I have a 5D iii and I Long Exposure NR set to Auto. I have been taking some really long photo's lately. Some over 15 minutes. I shoot in RAW and I don't experience any wait between photo to start waiting on a dark frame. 

If I take a 30 second picture, are you all sure there is a 30 second dark frame being taken and not just a quick 1 second dark frame?


----------



## neuroanatomist (Dec 30, 2012)

dude said:


> I have a 5D iii and I Long Exposure NR set to Auto. I have been taking some really long photo's lately. Some over 15 minutes. I shoot in RAW and I don't experience any wait between photo to start waiting on a dark frame.
> 
> If I take a 30 second picture, are you all sure there is a 30 second dark frame being taken and not just a quick 1 second dark frame?



The Auto setting applies Long Exposure NR if the camera 'thinks' there's enough image noise to warrant it. If you're not waiting on a dark frame, the camera doesn't think NR is needed. Try Enable. Note that the manual states Enable may reduce noise that the Auto setting can't detect c


----------



## dude (Dec 30, 2012)

I enabled it. Took a series of long exposures. No difference. Are we sure about this dark frame behavior? It has never happened to me and I have shot a lot of long exposures the last few weeks.


----------



## Jesse (Dec 30, 2012)

There seems to always be a longish buffer time after I take a 30 second or longer exposure with my 5D3. Is that because of NR? I don't remember it taking this long with my 5D2....


----------



## neuroanatomist (Dec 30, 2012)

dude said:


> I enabled it. Took a series of long exposures. No difference. Are we sure about this dark frame behavior? It has never happened to me and I have shot a lot of long exposures the last few weeks.



I'm sure. The dark frame isn't always the same duration as the exposure, depending on the exposure duration. With exposures in the ~1-5 s range, it is, but with exposures longer than ~5 s, the dark frame is ~5 s. The 'longish buffer time' Jesse mentions isn't buffering, it's the dark frame.
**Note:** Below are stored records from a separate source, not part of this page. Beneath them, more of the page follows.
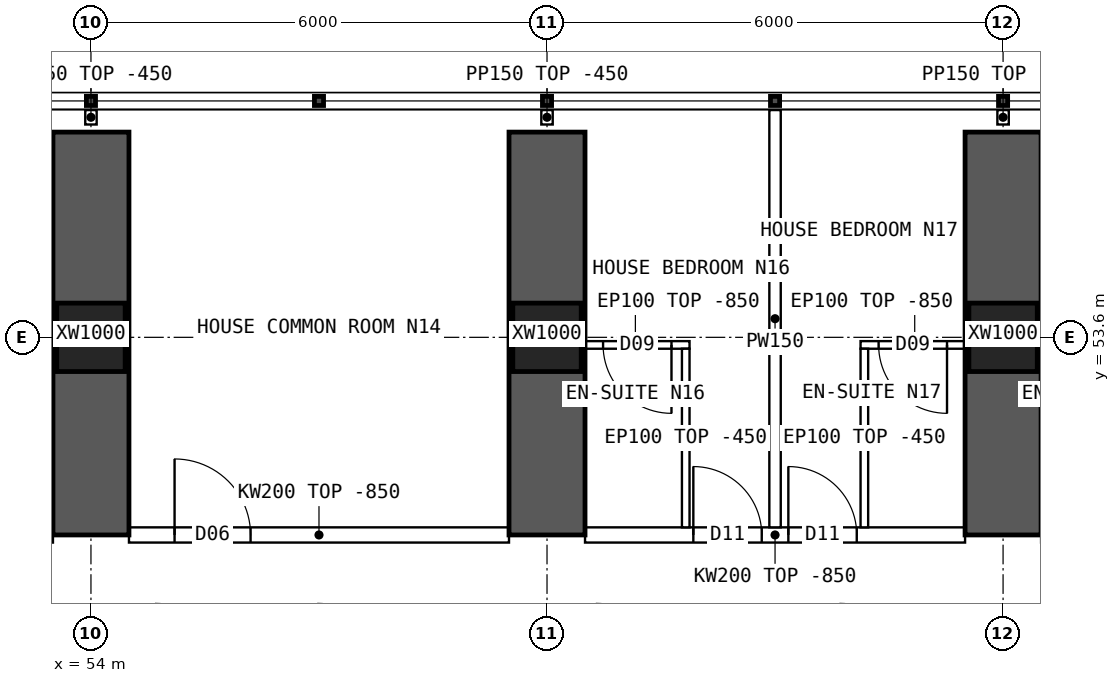
"""IFC4 building model, lengths in metres.
Left out: names, types, materials, properties, quantities, classifications, styles, units other than length and angle.
Written with IfcOpenShell. Run it as: python <this file> out.ifc"""

import sys

from ifc_helpers import new_model, si_unit, direction, frame, frame_2d, origin, origin_2d, place, context, subcontext, project, spatial, polyline, rectangle, hollow_rectangle, outline, extrude, element, fill, save


model = new_model("IFC4")
c1 = context("Model", 3, precision=1e-05, world=origin(), true_north=direction((0.0, 1.0)))
c2 = subcontext(c1, "Body", "Model", "MODEL_VIEW")
j1 = project(units=[si_unit("LENGTHUNIT", "METRE"), si_unit("PLANEANGLEUNIT", "RADIAN")], contexts=[c1])
p1 = place(None, origin())
s1 = spatial("IfcSite", under=j1, at=p1, CompositionType="ELEMENT")
p2 = place(p1, origin())
s2 = spatial("IfcBuilding", under=s1, at=p2, CompositionType="ELEMENT")
p3 = place(p2, frame((0.0, 0.0, 20.2)))
s3 = spatial("IfcBuildingStorey", under=s2, at=p3, CompositionType="ELEMENT", Elevation=20.2)
for number, where, z_axis, x_axis in (
    (1, (54.0, 53.6, 0.0), (0.0, 0.0, 1.0), (1.0, 0.0, 0.0)),
    (2, (60.0, 53.6, 0.0), (0.0, 0.0, 1.0), (1.0, 0.0, 0.0)),
    (3, (66.0, 53.6, 0.0), (0.0, 0.0, 1.0), (1.0, 0.0, 0.0)),
):
    element("IfcColumn", number, at=place(p3, frame(where, z_axis=z_axis, x_axis=x_axis)), inside=s3, PredefinedType="COLUMN", context=c2, shape_type="SweptSolid", body=[
        extrude(hollow_rectangle(XDim=0.9, YDim=0.9, WallThickness=0.09, at=origin_2d()), origin(), (0.0, 0.0, 1.0), 3.75),
    ])
for number, where, z_axis, x_axis in (
    (4, (54.0, 51.0, 0.0), (0.0, 0.0, 1.0), (0.0, 1.0, 0.0)),
    (5, (60.0, 51.0, 0.0), (0.0, 0.0, 1.0), (0.0, 1.0, 0.0)),
    (6, (66.0, 51.0, 0.0), (0.0, 0.0, 1.0), (0.0, 1.0, 0.0)),
):
    element("IfcWall", number, at=place(p3, frame(where, z_axis=z_axis, x_axis=x_axis)), inside=s3, PredefinedType="SHEAR", context=c2, shape_type="SweptSolid", body=[
        extrude(rectangle(XDim=5.3, YDim=1.0, at=frame_2d((2.65, 0.0))), origin(), (0.0, 0.0, 1.0), 3.75),
    ])
p4 = place(p3, frame((54.5, 51.0, 0.0), z_axis=(0.0, 0.0, 1.0), x_axis=(1.0, 0.0, 0.0)))
e7 = element("IfcWall", 7, at=p4, inside=s3, PredefinedType="SOLIDWALL", context=c2, shape_type="SweptSolid", body=[
    extrude(outline(polyline([(0.0, 0.0), (5.0, 0.0), (5.0, 2.9), (0.0, 2.9), (0.0, 0.0)])), frame((0.0, 0.1, 0.0), z_axis=(0.0, -1.0, 0.0), x_axis=(1.0, 0.0, 0.0)), (0.0, 0.0, 1.0), 0.2),
])
p5 = place(p4, frame((0.6, 0.0, 0.0)))
e8 = element("IfcOpeningElement", 8, at=p5, cuts=e7, PredefinedType="OPENING", context=c2, shape_type="SweptSolid", body=[
    extrude(rectangle(XDim=1.0, YDim=2.1, at=frame_2d((0.5, 1.05))), frame((0.0, 0.11, 0.0), z_axis=(0.0, -1.0, 0.0), x_axis=(1.0, 0.0, 0.0)), (0.0, 0.0, 1.0), 0.22),
])
p6 = place(p3, frame((60.5, 51.0, 0.0), z_axis=(0.0, 0.0, 1.0), x_axis=(1.0, 0.0, 0.0)))
e9 = element("IfcWall", 9, at=p6, inside=s3, PredefinedType="SOLIDWALL", context=c2, shape_type="SweptSolid", body=[
    extrude(outline(polyline([(0.0, 0.0), (5.0, 0.0), (5.0, 2.9), (0.0, 2.9), (0.0, 0.0)])), frame((0.0, 0.1, 0.0), z_axis=(0.0, -1.0, 0.0), x_axis=(1.0, 0.0, 0.0)), (0.0, 0.0, 1.0), 0.2),
])
p7 = place(p6, frame((1.425, 0.0, 0.0)))
e10 = element("IfcOpeningElement", 10, at=p7, cuts=e9, PredefinedType="OPENING", context=c2, shape_type="SweptSolid", body=[
    extrude(rectangle(XDim=0.9, YDim=2.1, at=frame_2d((0.45, 1.05))), frame((0.0, 0.11, 0.0), z_axis=(0.0, -1.0, 0.0), x_axis=(1.0, 0.0, 0.0)), (0.0, 0.0, 1.0), 0.22),
])
p8 = place(p6, frame((2.675, 0.0, 0.0)))
e11 = element("IfcOpeningElement", 11, at=p8, cuts=e9, PredefinedType="OPENING", context=c2, shape_type="SweptSolid", body=[
    extrude(rectangle(XDim=0.9, YDim=2.1, at=frame_2d((0.45, 1.05))), frame((0.0, 0.11, 0.0), z_axis=(0.0, -1.0, 0.0), x_axis=(1.0, 0.0, 0.0)), (0.0, 0.0, 1.0), 0.22),
])
p9 = place(p3, frame((52.125, 53.5, 0.0), z_axis=(0.0, 0.0, 1.0), x_axis=(1.0, 0.0, 0.0)))
e12 = element("IfcWall", 12, at=p9, inside=s3, PredefinedType="PARTITIONING", context=c2, shape_type="SweptSolid", body=[
    extrude(outline(polyline([(0.0, 0.0), (1.425, 0.0), (1.425, 2.9), (0.0, 2.9), (0.0, 0.0)])), frame((0.0, 0.05, 0.0), z_axis=(0.0, -1.0, 0.0), x_axis=(1.0, 0.0, 0.0)), (0.0, 0.0, 1.0), 0.1),
])
p10 = place(p9, frame((0.238, 0.0, 0.0)))
e13 = element("IfcOpeningElement", 13, at=p10, cuts=e12, PredefinedType="OPENING", context=c2, shape_type="SweptSolid", body=[
    extrude(rectangle(XDim=0.9, YDim=2.1, at=frame_2d((0.45, 1.05))), frame((0.0, 0.06, 0.0), z_axis=(0.0, -1.0, 0.0), x_axis=(1.0, 0.0, 0.0)), (0.0, 0.0, 1.0), 0.12),
])
p11 = place(p3, frame((63.0, 56.59, 0.0), z_axis=(0.0, 0.0, 1.0), x_axis=(0.0, -1.0, 0.0)))
e14 = element("IfcWall", 14, at=p11, inside=s3, PredefinedType="PARTITIONING", context=c2, shape_type="SweptSolid", body=[
    extrude(outline(polyline([(0.0, 0.0), (5.49, 0.0), (5.49, 2.9), (5.442, 2.9), (5.44, 3.3), (3.192, 3.3), (3.19, 2.9), (2.792, 2.9), (2.79, 3.3), (0.0, 3.3), (0.0, 0.0)])), frame((0.0, 0.075, 0.0), z_axis=(0.0, -1.0, 0.0), x_axis=(1.0, 0.0, 0.0)), (0.0, 0.0, 1.0), 0.15),
])
p12 = place(p3, frame((60.45, 53.5, 0.0), z_axis=(0.0, 0.0, 1.0), x_axis=(1.0, 0.0, 0.0)))
e15 = element("IfcWall", 15, at=p12, inside=s3, PredefinedType="PARTITIONING", context=c2, shape_type="SweptSolid", body=[
    extrude(outline(polyline([(0.0, 0.0), (1.425, 0.0), (1.425, 2.9), (0.0, 2.9), (0.0, 0.0)])), frame((0.0, 0.05, 0.0), z_axis=(0.0, -1.0, 0.0), x_axis=(1.0, 0.0, 0.0)), (0.0, 0.0, 1.0), 0.1),
])
p13 = place(p12, frame((0.288, 0.0, 0.0)))
e16 = element("IfcOpeningElement", 16, at=p13, cuts=e15, PredefinedType="OPENING", context=c2, shape_type="SweptSolid", body=[
    extrude(rectangle(XDim=0.9, YDim=2.1, at=frame_2d((0.45, 1.05))), frame((0.0, 0.06, 0.0), z_axis=(0.0, -1.0, 0.0), x_axis=(1.0, 0.0, 0.0)), (0.0, 0.0, 1.0), 0.12),
])
p14 = place(p3, frame((61.825, 53.45, 0.0), z_axis=(0.0, 0.0, 1.0), x_axis=(0.0, -1.0, 0.0)))
e17 = element("IfcWall", 17, at=p14, inside=s3, PredefinedType="PARTITIONING", context=c2, shape_type="SweptSolid", body=[
    extrude(outline(polyline([(0.0, 0.0), (2.35, 0.0), (2.35, 2.9), (2.302, 2.9), (2.3, 3.3), (0.052, 3.3), (0.05, 2.9), (0.0, 2.9), (0.0, 0.0)])), frame((0.0, 0.05, 0.0), z_axis=(0.0, -1.0, 0.0), x_axis=(1.0, 0.0, 0.0)), (0.0, 0.0, 1.0), 0.1),
])
p15 = place(p3, frame((64.125, 53.5, 0.0), z_axis=(0.0, 0.0, 1.0), x_axis=(1.0, 0.0, 0.0)))
e18 = element("IfcWall", 18, at=p15, inside=s3, PredefinedType="PARTITIONING", context=c2, shape_type="SweptSolid", body=[
    extrude(outline(polyline([(0.0, 0.0), (1.425, 0.0), (1.425, 2.9), (0.0, 2.9), (0.0, 0.0)])), frame((0.0, 0.05, 0.0), z_axis=(0.0, -1.0, 0.0), x_axis=(1.0, 0.0, 0.0)), (0.0, 0.0, 1.0), 0.1),
])
p16 = place(p15, frame((0.238, 0.0, 0.0)))
e19 = element("IfcOpeningElement", 19, at=p16, cuts=e18, PredefinedType="OPENING", context=c2, shape_type="SweptSolid", body=[
    extrude(rectangle(XDim=0.9, YDim=2.1, at=frame_2d((0.45, 1.05))), frame((0.0, 0.06, 0.0), z_axis=(0.0, -1.0, 0.0), x_axis=(1.0, 0.0, 0.0)), (0.0, 0.0, 1.0), 0.12),
])
p17 = place(p3, frame((64.175, 53.45, 0.0), z_axis=(0.0, 0.0, 1.0), x_axis=(0.0, -1.0, 0.0)))
e20 = element("IfcWall", 20, at=p17, inside=s3, PredefinedType="PARTITIONING", context=c2, shape_type="SweptSolid", body=[
    extrude(outline(polyline([(0.0, 0.0), (2.35, 0.0), (2.35, 2.9), (2.302, 2.9), (2.3, 3.3), (0.052, 3.3), (0.05, 2.9), (0.0, 2.9), (0.0, 0.0)])), frame((0.0, 0.05, 0.0), z_axis=(0.0, -1.0, 0.0), x_axis=(1.0, 0.0, 0.0)), (0.0, 0.0, 1.0), 0.1),
])
p18 = place(p3, frame((66.45, 53.5, 0.0), z_axis=(0.0, 0.0, 1.0), x_axis=(1.0, 0.0, 0.0)))
e21 = element("IfcWall", 21, at=p18, inside=s3, PredefinedType="PARTITIONING", context=c2, shape_type="SweptSolid", body=[
    extrude(outline(polyline([(0.0, 0.0), (1.425, 0.0), (1.425, 2.9), (0.0, 2.9), (0.0, 0.0)])), frame((0.0, 0.05, 0.0), z_axis=(0.0, -1.0, 0.0), x_axis=(1.0, 0.0, 0.0)), (0.0, 0.0, 1.0), 0.1),
])
p19 = place(p18, frame((0.288, 0.0, 0.0)))
e22 = element("IfcOpeningElement", 22, at=p19, cuts=e21, PredefinedType="OPENING", context=c2, shape_type="SweptSolid", body=[
    extrude(rectangle(XDim=0.9, YDim=2.1, at=frame_2d((0.45, 1.05))), frame((0.0, 0.06, 0.0), z_axis=(0.0, -1.0, 0.0), x_axis=(1.0, 0.0, 0.0)), (0.0, 0.0, 1.0), 0.12),
])
for number, where, z_axis, x_axis in (
    (23, (54.0, 56.4, 0.0), (0.0, 0.0, 1.0), (0.0, 1.0, 0.0)),
    (24, (60.0, 56.4, 0.0), (0.0, 0.0, 1.0), (0.0, 1.0, 0.0)),
    (25, (66.0, 56.4, 0.0), (0.0, 0.0, 1.0), (0.0, 1.0, 0.0)),
):
    element("IfcWall", number, at=place(p3, frame(where, z_axis=z_axis, x_axis=x_axis)), inside=s3, PredefinedType="PARTITIONING", context=c2, shape_type="SweptSolid", body=[
        extrude(rectangle(XDim=0.19, YDim=0.15, at=frame_2d((0.095, 0.0))), origin(), (0.0, 0.0, 1.0), 3.3),
    ])
p20 = place(p5, origin())
e26 = element("IfcDoor", 26, at=p20, inside=s3, OperationType="SINGLE_SWING_LEFT", PredefinedType="DOOR", context=c2, shape_type="SweptSolid", body=[
    extrude(rectangle(XDim=1.0, YDim=2.1, at=frame_2d((0.5, 1.05))), frame((0.0, 0.025, 0.0), z_axis=(0.0, -1.0, 0.0), x_axis=(1.0, 0.0, 0.0)), (0.0, 0.0, 1.0), 0.05),
])
fill(e8, e26)
p21 = place(p13, origin())
e27 = element("IfcDoor", 27, at=p21, inside=s3, OperationType="SINGLE_SWING_RIGHT", PredefinedType="DOOR", context=c2, shape_type="SweptSolid", body=[
    extrude(rectangle(XDim=0.9, YDim=2.1, at=frame_2d((0.45, 1.05))), frame((0.0, 0.025, 0.0), z_axis=(0.0, -1.0, 0.0), x_axis=(1.0, 0.0, 0.0)), (0.0, 0.0, 1.0), 0.05),
])
fill(e16, e27)
p22 = place(p7, origin())
e28 = element("IfcDoor", 28, at=p22, inside=s3, OperationType="SINGLE_SWING_LEFT", PredefinedType="DOOR", context=c2, shape_type="SweptSolid", body=[
    extrude(rectangle(XDim=0.9, YDim=2.1, at=frame_2d((0.45, 1.05))), frame((0.0, 0.025, 0.0), z_axis=(0.0, -1.0, 0.0), x_axis=(1.0, 0.0, 0.0)), (0.0, 0.0, 1.0), 0.05),
])
fill(e10, e28)
p23 = place(p16, origin())
e29 = element("IfcDoor", 29, at=p23, inside=s3, OperationType="SINGLE_SWING_RIGHT", PredefinedType="DOOR", context=c2, shape_type="SweptSolid", body=[
    extrude(rectangle(XDim=0.9, YDim=2.1, at=frame_2d((0.45, 1.05))), frame((0.0, 0.025, 0.0), z_axis=(0.0, -1.0, 0.0), x_axis=(1.0, 0.0, 0.0)), (0.0, 0.0, 1.0), 0.05),
])
fill(e19, e29)
p24 = place(p8, origin())
e30 = element("IfcDoor", 30, at=p24, inside=s3, OperationType="SINGLE_SWING_LEFT", PredefinedType="DOOR", context=c2, shape_type="SweptSolid", body=[
    extrude(rectangle(XDim=0.9, YDim=2.1, at=frame_2d((0.45, 1.05))), frame((0.0, 0.025, 0.0), z_axis=(0.0, -1.0, 0.0), x_axis=(1.0, 0.0, 0.0)), (0.0, 0.0, 1.0), 0.05),
])
fill(e11, e30)
save(model, sys.argv[1])

Watch that red light: it's on during the long exposure, then you'll hear the shutter close, but the light stays on for a few seconds - that's the dark frame being acquired.


----------



## dude (Dec 31, 2012)

So we are all in agreement what I put in bold (and increased font size) below is incorrect information?



dr croubie said:


> Long exposure NR is a bit different to normal NR.
> 
> Normal NR, software scans the image and picks out pixels that aren't coloured they way they should be ('should be' is based on what the pixels around them look like).
> 
> ...


----------



## neuroanatomist (Dec 31, 2012)

dude said:


> So we are all in agreement what I put in bold (and increased font size) below is incorrect information?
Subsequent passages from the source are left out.